NOTE: It would be not enough for my real case to define a kind of "hierarchy" of tokens, so that "abcdef" is always first matched against <abcd> and than <abc>. I really need context-aware tokens.
OK, it seems that you need a technique called lookahead here. Here is a very good tutorial:
Lookahead tutorial
My first attempt was wrong then, but as it works for distinct tokens which define a context I'll leave it here (Maybe it's useful for somebody ;o)).
Let's say we want to have some kind of markup language. All we want to "markup" are:
Expressions consisting of letters (abc...zABC...Z) and whitespaces --> words
Expressions consisting of numbers (0-9) --> numbers
We want to enclose words in tags and numbers in tags.
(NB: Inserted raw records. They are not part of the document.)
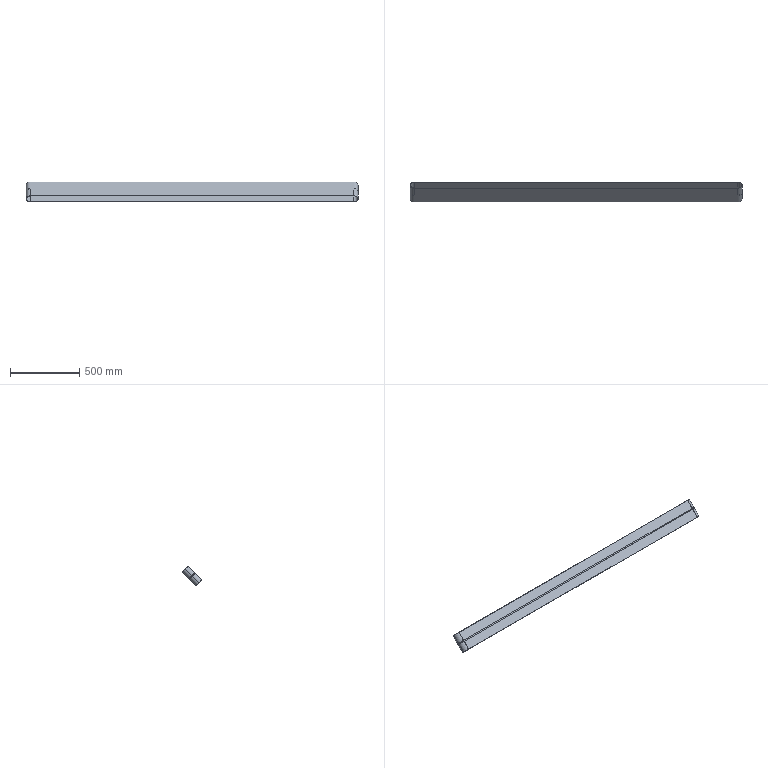Component | SolidWorks | Belt-2 | 1 solid | 32 faces | box 2398 x 143.9 x 143.9 mm | volume 1137609 mm3 | plane 14 | cylinder 12 | cone 6 | commonest cylinder face diameters 60 x6 52 x3 63 x3
build123d program:
from build123d import *

# Parameters (mm, degrees)
EXTRUDE_THIN1_DEPTH = 70


with BuildPart() as part:
    # Sketch1 → Extrude-Thin1 (new, symmetric)
    with BuildSketch(Plane.XY):
        with BuildLine():
            Line((-1167.5, 31.5), (1167.5, 31.5))
            ThreePointArc((1167.5, 31.5), (1199, 0), (1167.5, -31.5))
            Line((1167.5, -31.5), (-1167.5, -31.5))
            ThreePointArc((-1167.5, -31.5), (-1199, 0), (-1167.5, 31.5))
        make_face()
        with BuildLine():
            Line((-1167.5, 30), (1167.5, 30))
            ThreePointArc((1167.5, 30), (1197.5, 0), (1167.5, -30))
            Line((1167.5, -30), (-1167.5, -30))
            ThreePointArc((-1167.5, -30), (-1197.5, 0), (-1167.5, 30))
        make_face(mode=Mode.SUBTRACT)
    extrude(amount=EXTRUDE_THIN1_DEPTH, both=True)

    # Sweep1: sweep along a path in Sketch3
    with BuildLine(Plane.XY) as sweep1_path:
        Line((-1167.5, 30), (1167.5, 30))
        ThreePointArc((1167.5, 30), (1197.5, 0), (1167.5, -30))
        Line((1167.5, -30), (-1167.5, -30))
        ThreePointArc((-1167.5, -30), (-1197.5, 0), (-1167.5, 30))
    # Sketch2 → Sweep1 (sweep)
    with BuildSketch(Plane(origin=(0, 0, 0), x_dir=(0, 0, -1), z_dir=(1, 0, 0))):
        Polygon((-4, -30), (4, -30), (2, -26), (-2, -26), align=None)
    sweep(path=sweep1_path.line)


solid = part.part

# Placed as in the assembly
solid = solid.moved(Location((1065.5, 709.045, 342.308), (-45, 0, -0.01232)))
STEP:
#1=CARTESIAN_POINT('',(-5.039,27.867,13.414));
#2=VERTEX_POINT('',#1);
#3=CARTESIAN_POINT('',(-4.016,28.59,12.69));
#4=VERTEX_POINT('',#3);
#5=CARTESIAN_POINT('',(-4.016,27.866,13.414));
#6=DIRECTION('',(0.,-0.7071,-0.7071));
#7=DIRECTION('',(-1.,0.000152,-0.000152));
#8=AXIS2_PLACEMENT_3D('',#5,#6,#7);
#9=CIRCLE('',#8,1.024);
#10=EDGE_CURVE('',#2,#4,#9,.T.);
#11=ORIENTED_EDGE('',*,*,#10,.F.);
#12=CARTESIAN_POINT('',(-5.197,27.811,13.358));
#13=VERTEX_POINT('',#12);
#14=CARTESIAN_POINT('',(-5.197,27.811,13.358));
#15=DIRECTION('',(-0.8944,-0.3161,-0.3164));
#16=VECTOR('',#15,39.37);
#17=LINE('',#14,#16);
#18=EDGE_CURVE('',#2,#13,#17,.T.);
#19=ORIENTED_EDGE('',*,*,#18,.T.);
#20=CARTESIAN_POINT('',(-4.015,28.646,12.523));
#21=VERTEX_POINT('',#20);
#22=CARTESIAN_POINT('',(-4.016,27.811,13.358));
#23=DIRECTION('',(0.,-0.7071,-0.7071));
#24=DIRECTION('',(-1.,0.000152,-0.000152));
#25=AXIS2_PLACEMENT_3D('',#22,#23,#24);
#26=CIRCLE('',#25,1.181);
#27=EDGE_CURVE('',#13,#21,#26,.T.);
#28=ORIENTED_EDGE('',*,*,#27,.T.);
#29=CARTESIAN_POINT('',(-4.015,28.646,12.523));
#30=DIRECTION('',(-0.0001923,-0.3162,0.9487));
#31=VECTOR('',#30,39.37);
#32=LINE('',#29,#31);
#33=EDGE_CURVE('',#21,#4,#32,.T.);
#34=ORIENTED_EDGE('',*,*,#33,.T.);
#35=EDGE_LOOP('',(#11,#19,#28,#34));
#36=FACE_OUTER_BOUND('',#35,.T.);
#37=CARTESIAN_POINT('',(-4.016,27.811,13.358));
#38=DIRECTION('',(0.,-0.7071,-0.7071));
#39=DIRECTION('',(-1.,0.000152,-0.000152));
#40=AXIS2_PLACEMENT_3D('',#37,#38,#39);
#41=CONICAL_SURFACE('',#40,1.181,1.107);
#42=ADVANCED_FACE('',(#36),#41,.F.);
#43=CARTESIAN_POINT('',(-5.039,27.978,13.525));
#44=VERTEX_POINT('',#43);
#45=CARTESIAN_POINT('',(-4.016,28.702,12.802));
#46=VERTEX_POINT('',#45);
#47=CARTESIAN_POINT('',(-4.016,27.978,13.525));
#48=DIRECTION('',(0.,-0.7071,-0.7071));
#49=DIRECTION('',(-1.,0.000152,-0.000152));
#50=AXIS2_PLACEMENT_3D('',#47,#48,#49);
#51=CIRCLE('',#50,1.024);
#52=EDGE_CURVE('',#44,#46,#51,.T.);
#53=ORIENTED_EDGE('',*,*,#52,.F.);
#54=CARTESIAN_POINT('',(-5.039,27.922,13.47));
#55=DIRECTION('',(0.,-0.7071,-0.7071));
#56=VECTOR('',#55,39.37);
#57=LINE('',#54,#56);
#58=EDGE_CURVE('',#44,#2,#57,.T.);
#59=ORIENTED_EDGE('',*,*,#58,.T.);
#60=ORIENTED_EDGE('',*,*,#10,.T.);
#61=CARTESIAN_POINT('',(-4.016,28.59,12.69));
#62=DIRECTION('',(-0.,0.7071,0.7071));
#63=VECTOR('',#62,39.37);
#64=LINE('',#61,#63);
#65=EDGE_CURVE('',#4,#46,#64,.T.);
#66=ORIENTED_EDGE('',*,*,#65,.T.);
#67=EDGE_LOOP('',(#53,#59,#60,#66));
#68=FACE_OUTER_BOUND('',#67,.T.);
#69=CARTESIAN_POINT('',(-4.016,27.922,13.47));
#70=DIRECTION('',(0.,-0.7071,-0.7071));
#71=DIRECTION('',(-1.,0.000152,-0.000152));
#72=AXIS2_PLACEMENT_3D('',#69,#70,#71);
#73=CYLINDRICAL_SURFACE('',#72,1.024);
#74=ADVANCED_FACE('',(#68),#73,.F.);
#75=CARTESIAN_POINT('',(87.914,28.688,12.816));
#76=VERTEX_POINT('',#75);
#77=CARTESIAN_POINT('',(88.937,27.964,13.54));
#78=VERTEX_POINT('',#77);
#79=CARTESIAN_POINT('',(87.913,27.964,13.539));
#80=DIRECTION('',(0.,-0.7071,-0.7071));
#81=DIRECTION('',(-1.,0.000152,-0.000152));
#82=AXIS2_PLACEMENT_3D('',#79,#80,#81);
#83=CIRCLE('',#82,1.024);
#84=EDGE_CURVE('',#76,#78,#83,.T.);
#85=ORIENTED_EDGE('',*,*,#84,.T.);
#86=CARTESIAN_POINT('',(89.094,28.019,13.595));
#87=VERTEX_POINT('',#86);
#88=CARTESIAN_POINT('',(88.937,27.964,13.54));
#89=DIRECTION('',(0.8944,0.3161,0.3164));
#90=VECTOR('',#89,39.37);
#91=LINE('',#88,#90);
#92=EDGE_CURVE('',#78,#87,#91,.T.);
#93=ORIENTED_EDGE('',*,*,#92,.T.);
#94=CARTESIAN_POINT('',(87.914,28.855,12.76));
#95=VERTEX_POINT('',#94);
#96=CARTESIAN_POINT('',(87.913,28.02,13.595));
#97=DIRECTION('',(0.,-0.7071,-0.7071));
#98=DIRECTION('',(-1.,0.000152,-0.000152));
#99=AXIS2_PLACEMENT_3D('',#96,#97,#98);
#100=CIRCLE('',#99,1.181);
#101=EDGE_CURVE('',#95,#87,#100,.T.);
#102=ORIENTED_EDGE('',*,*,#101,.F.);
#103=CARTESIAN_POINT('',(87.914,28.688,12.816));
#104=DIRECTION('',(0.0001923,0.9487,-0.3162));
#105=VECTOR('',#104,39.37);
#106=LINE('',#103,#105);
#107=EDGE_CURVE('',#76,#95,#106,.T.);
#108=ORIENTED_EDGE('',*,*,#107,.F.);
#109=EDGE_LOOP('',(#85,#93,#102,#108));
#110=FACE_OUTER_BOUND('',#109,.T.);
#111=CARTESIAN_POINT('',(87.913,27.964,13.539));
#112=DIRECTION('',(-0.,0.7071,0.7071));
#113=DIRECTION('',(1.,-0.000152,0.000152));
#114=AXIS2_PLACEMENT_3D('',#111,#112,#113);
#115=CONICAL_SURFACE('',#114,1.024,1.107);
#116=ADVANCED_FACE('',(#110),#115,.F.);
#117=CARTESIAN_POINT('',(-5.256,29.871,15.418));
#118=VERTEX_POINT('',#117);
#119=CARTESIAN_POINT('',(-4.016,28.994,16.295));
#120=VERTEX_POINT('',#119);
#121=CARTESIAN_POINT('',(-4.016,29.871,15.418));
#122=DIRECTION('',(-0.,0.7071,0.7071));
#123=DIRECTION('',(1.,-0.000152,0.000152));
#124=AXIS2_PLACEMENT_3D('',#121,#122,#123);
#125=CIRCLE('',#124,1.24);
#126=EDGE_CURVE('',#118,#120,#125,.T.);
#127=ORIENTED_EDGE('',*,*,#126,.F.);
#128=CARTESIAN_POINT('',(-5.256,25.974,11.521));
#129=VERTEX_POINT('',#128);
#130=CARTESIAN_POINT('',(-5.256,29.871,15.418));
#131=DIRECTION('',(0.,-0.7071,-0.7071));
#132=VECTOR('',#131,39.37);
#133=LINE('',#130,#132);
#134=EDGE_CURVE('',#118,#129,#133,.T.);
#135=ORIENTED_EDGE('',*,*,#134,.T.);
#136=CARTESIAN_POINT('',(-4.016,25.096,12.398));
#137=VERTEX_POINT('',#136);
#138=CARTESIAN_POINT('',(-4.016,25.973,11.521));
#139=DIRECTION('',(-0.,0.7071,0.7071));
#140=DIRECTION('',(1.,-0.000152,0.000152));
#141=AXIS2_PLACEMENT_3D('',#138,#139,#140);
#142=CIRCLE('',#141,1.24);
#143=EDGE_CURVE('',#129,#137,#142,.T.);
#144=ORIENTED_EDGE('',*,*,#143,.T.);
#145=CARTESIAN_POINT('',(-4.016,28.994,16.295));
#146=DIRECTION('',(0.,-0.7071,-0.7071));
#147=VECTOR('',#146,39.37);
#148=LINE('',#145,#147);
#149=EDGE_CURVE('',#120,#137,#148,.T.);
#150=ORIENTED_EDGE('',*,*,#149,.F.);
#151=EDGE_LOOP('',(#127,#135,#144,#150));
#152=FACE_OUTER_BOUND('',#151,.T.);
#153=CARTESIAN_POINT('',(-4.016,29.871,15.418));
#154=DIRECTION('',(0.,-0.7071,-0.7071));
#155=DIRECTION('',(-1.,0.000152,-0.000152));
#156=AXIS2_PLACEMENT_3D('',#153,#154,#155);
#157=CYLINDRICAL_SURFACE('',#156,1.24);
#158=ADVANCED_FACE('',(#152),#157,.T.);
#159=CARTESIAN_POINT('',(-4.015,30.706,14.583));
#160=VERTEX_POINT('',#159);
#161=CARTESIAN_POINT('',(-5.197,29.871,15.418));
#162=VERTEX_POINT('',#161);
#163=CARTESIAN_POINT('',(-4.016,29.871,15.418));
#164=DIRECTION('',(-0.,0.7071,0.7071));
#165=DIRECTION('',(1.,-0.000152,0.000152));
#166=AXIS2_PLACEMENT_3D('',#163,#164,#165);
#167=CIRCLE('',#166,1.181);
#168=EDGE_CURVE('',#160,#162,#167,.T.);
#169=ORIENTED_EDGE('',*,*,#168,.T.);
#170=CARTESIAN_POINT('',(-5.197,28.034,13.581));
#171=VERTEX_POINT('',#170);
#172=CARTESIAN_POINT('',(-5.197,29.871,15.418));
#173=DIRECTION('',(0.,-0.7071,-0.7071));
#174=VECTOR('',#173,39.37);
#175=LINE('',#172,#174);
#176=EDGE_CURVE('',#162,#171,#175,.T.);
#177=ORIENTED_EDGE('',*,*,#176,.T.);
#178=CARTESIAN_POINT('',(-4.015,28.869,12.746));
#179=VERTEX_POINT('',#178);
#180=CARTESIAN_POINT('',(-4.016,28.033,13.581));
#181=DIRECTION('',(0.,-0.7071,-0.7071));
#182=DIRECTION('',(-1.,0.000152,-0.000152));
#183=AXIS2_PLACEMENT_3D('',#180,#181,#182);
#184=CIRCLE('',#183,1.181);
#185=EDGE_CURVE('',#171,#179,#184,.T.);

So if i got you right that is what you want to do: If you're in the word context (between word tags) the compiler should expect letters and whitespaces, in the number context it expects numbers.
I created the file WordNumber.jj which defines the grammar and the parser to be generated:
options
{
LOOKAHEAD= 1;
CHOICE_AMBIGUITY_CHECK = 2;
OTHER_AMBIGUITY_CHECK = 1;
STATIC = true;
DEBUG_PARSER = false;
DEBUG_LOOKAHEAD = false;
DEBUG_TOKEN_MANAGER = false;
ERROR_REPORTING = true;
JAVA_UNICODE_ESCAPE = false;
UNICODE_INPUT = false;
IGNORE_CASE = false;
USER_TOKEN_MANAGER = false;
USER_CHAR_STREAM = false;
BUILD_PARSER = true;
BUILD_TOKEN_MANAGER = true;
SANITY_CHECK = true;
FORCE_LA_CHECK = false;
}
PARSER_BEGIN(WordNumberParser)
/** Model-tree Parser */
public class WordNumberParser
{
/** Main entry point. */
public static void main(String args []) throws ParseException
{
WordNumberParser parser = new WordNumberParser(System.in);
parser.Input();
}
}
PARSER_END(WordNumberParser)
SKIP :
{
" "
| "\n"
| "\r"
| "\r\n"
| "\t"
}
TOKEN :
{
< WORD_TOKEN : (["a"-"z"] | ["A"-"Z"] | " " | "." | ",")+ > |
< NUMBER_TOKEN : (["0"-"9"])+ >
}
/** Root production. */
void Input() :
{}
{
( WordContext() | NumberContext() )* < EOF >
}
/** WordContext production. */
void WordContext() :
{}
{
"<WORDS>" (< WORD_TOKEN >)+ "</WORDS>"
}
/** NumberContext production. */
void NumberContext() :
{}
{
"<NUMBER>" (< NUMBER_TOKEN >)+ "</NUMBER>"
}
You can test it with a file like that:
<WORDS>This is a sentence. As you can see the parser accepts it.</WORDS>
<WORDS>The answer to life, universe and everything is</WORDS><NUMBER>42</NUMBER>
<NUMBER>This sentence will make the parser sad. Do not make the parser sad.</NUMBER>
The Last line will cause the parser to throw an exception like this:
Exception in thread "main" ParseException: Encountered " <WORD_TOKEN> "This sentence will make the parser sad. Do not make the parser sad. "" at line 3, column 9.
Was expecting:
<NUMBER_TOKEN> ...
That is because the parser did not find what it expected.
I hope that helps.
Cheers!
P.S.: The parser can't "be" inside a token as a token is a terminal symbol (correct me if I'm wrong) which can't be replaced by production rules any further. So all the context aspects have to be placed inside a production rule (non terminal) like "WordContext" in my example.
You need to use lexer states. Your example becomes something like:
<DEFAULT> TOKEN: { <ELEMENT1: "element1">: IN_ELEMENT1 }
<DEFAULT> TOKEN: { <ELEMENT2: "element2">: IN_ELEMENT2 }
<IN_ELEMENT1> TOKEN: { <ABC: "abc" (...)*>: DEFAULT }
<IN_ELEMENT2> TOKEN: { <ABCD: "abcd" (...)*>: DEFAULT }
Please note that the (...)* are not proper JavaCC syntax, but your example is not either so I can only guess.